For three dimes — I guess he don’t know

That three is more than two!Just then, along came old blind Bates

And just ’cause he can’t see

He gave me four nickels for my three dimes,

And four is more than three!And I took the nickels to Hiram Coombs

Down at the seed-feed store,

And the fool gave me five pennies for them,

And five is more than four!And then I went and showed my dad,

And he got red in the cheeks

And closed his eyes and shook his head–

Too proud of me to speak!

### All Systems Go

I noticed the boys having an intense conversation in front of this sign at our local pizza shop:

When I asked what they were doing, they said, “We’re trying to figure out how much one slice and a beer would cost.”
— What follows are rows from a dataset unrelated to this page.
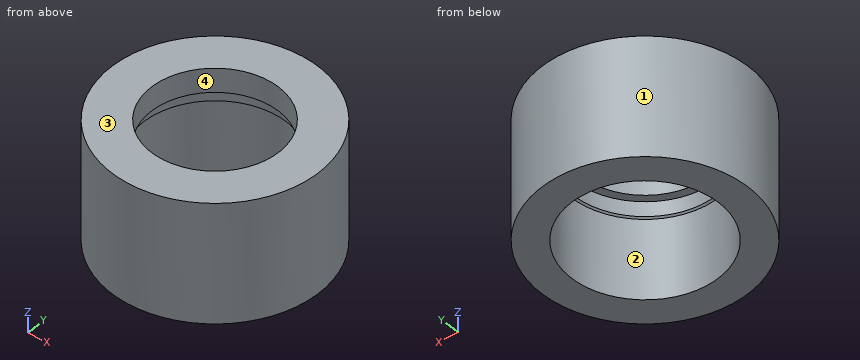
from build123d import *


with BuildPart() as part:
    # Sketch1 → Revolve1 (revolve)
    with BuildSketch(Plane.XZ, mode=Mode.PRIVATE) as revolve1_sk:
        Polygon((9.25, 0), (13, 0), (13, 15), (8, 15), (8, 12), (9, 12), (9, 10.150215155), (9.25, 10), align=None)
    revolve(revolve1_sk.sketch.rotate(Axis((0, 0, 15), (0, 0, -1)), 180), axis=Axis((0, 0, 15), (0, 0, -1)))


solid = part.part
Read the model definition and answer for the solid it produces. Units are mm, in the model's axes. Face numbers are marked on the shaded views. Give positions to 0.01 mm unless a question says otherwise; leave off trailing zeros. Write each loop counter-clockwise with the first axis right and the second up, starting at its lowest first coordinate (ties: lowest second). Pieces come first, ordered by that corner, then holes. Notation, with made-up numbers: (66.25, 87.25) - (71.25, 87.25) arc R35 cw to (71.25, 122.25) - close; hole circle Ø9 at (-16, 27.25). An arc over 180 degrees is marked (long way). Answer in a Markdown table with one row per item. Add a question column.
Item 1: Section C-C, the plane z = 8.5 is taken. Write down the section's boundary in (x, y), and give its area (3 significant figures).
Item 2: Determine the mould class of the marked faces 1, 2, 3 and 4 for opening direction Y: pulls with the +Y half, pulls with the -Y half, needs draft (parallel to the pull), parting line crosses it, or undercut.
Item 3: Section A-A, the plane y = 0 is taken. Write down the section's boundary in (x, z), and give its area (3 significant figures).
Item 4: Find the intervals of material crossed by L1, parallel to Y at x = 0, z = 6.5; L2, parallel to Y at x = -7.5, z = 4, in increasing order.
Item 5: Section D-D, the plane z = 14.25 is taken. Write down the section's boundary in (x, y), and give its area (3 significant figures).
Item 6: Flat-ended cylindrical pins translate along their axes: P1, Ø3, axis at x = -4.5, z = 8, coming from the +Y side; P2, Ø6, axis at x = 8.5, z = 10.5, coming from the +Y side; P3, Ø1, axis at y = -1, z = 9.5, coming from the -X side. Find the tip coordinate at first contact, or state that the pin passes through.
Recorded:
| question | item | result |
|---|---|---|
| 1 | outline | circle Ø26 at (0, 0); hole circle Ø18.5 at (0, 0) |
| 1 | area | 262 mm2 |
| 2 | face 1 | parting line crosses it |
| 2 | face 2 | undercut |
| 2 | face 3 | needs draft |
| 2 | face 4 | undercut |
| 3 | outline | (-13, 0) - (-9.25, 0) - (-9.25, 10) - (-9, 10.15) - (-9, 12) - (-8, 12) - (-8, 15) - (-13, 15) - close; (8, 12) - (9, 12) - (9, 10.15) - (9.25, 10) - (9.25, 0) - (13, 0) - (13, 15) - (8, 15) - close |
| 3 | area | 121 mm2 |
| 4 | L1 | y = -13 to -9.25, 9.25 to 13 |
| 4 | L2 | y = -10.62 to -5.41, 5.41 to 10.62 |
| 5 | outline | circle Ø26 at (0, 0); hole circle Ø16 at (0, 0) |
| 5 | area | 330 mm2 |
| 6 | P1 | stops at y = 12.65 |
| 6 | P2 | stops at y = 11.78 |
| 6 | P3 | stops at x = -12.99 |

As you read that, there were likely two thoughts that crossed your mind:

- Why can’t these poor boys look at a pizza menu without perceiving it as a system of equations?
- Why are eight-year-olds concerned with the price of beer?

The answer to both, of course, is that I’m a terrible father, and both beer and math are prominent in our daily lives.

But you have to admit that it’s pretty cool that my sons recognized, and then solved, the following system:

They didn’t use substitution or elimination because they didn’t have to — and, perhaps, because they don’t know either of those methods yet. But mental math was sufficient. If two slices and a soda cost $6.00, and one slice and a soda cost $3.50, then one slice must be 6.00 – 3.50 = $2.50. Consequently, two slices cost $5.00, so a beer must be 8.00 – 5.00 = $3.00. A beer and a slice will set you back $5.50.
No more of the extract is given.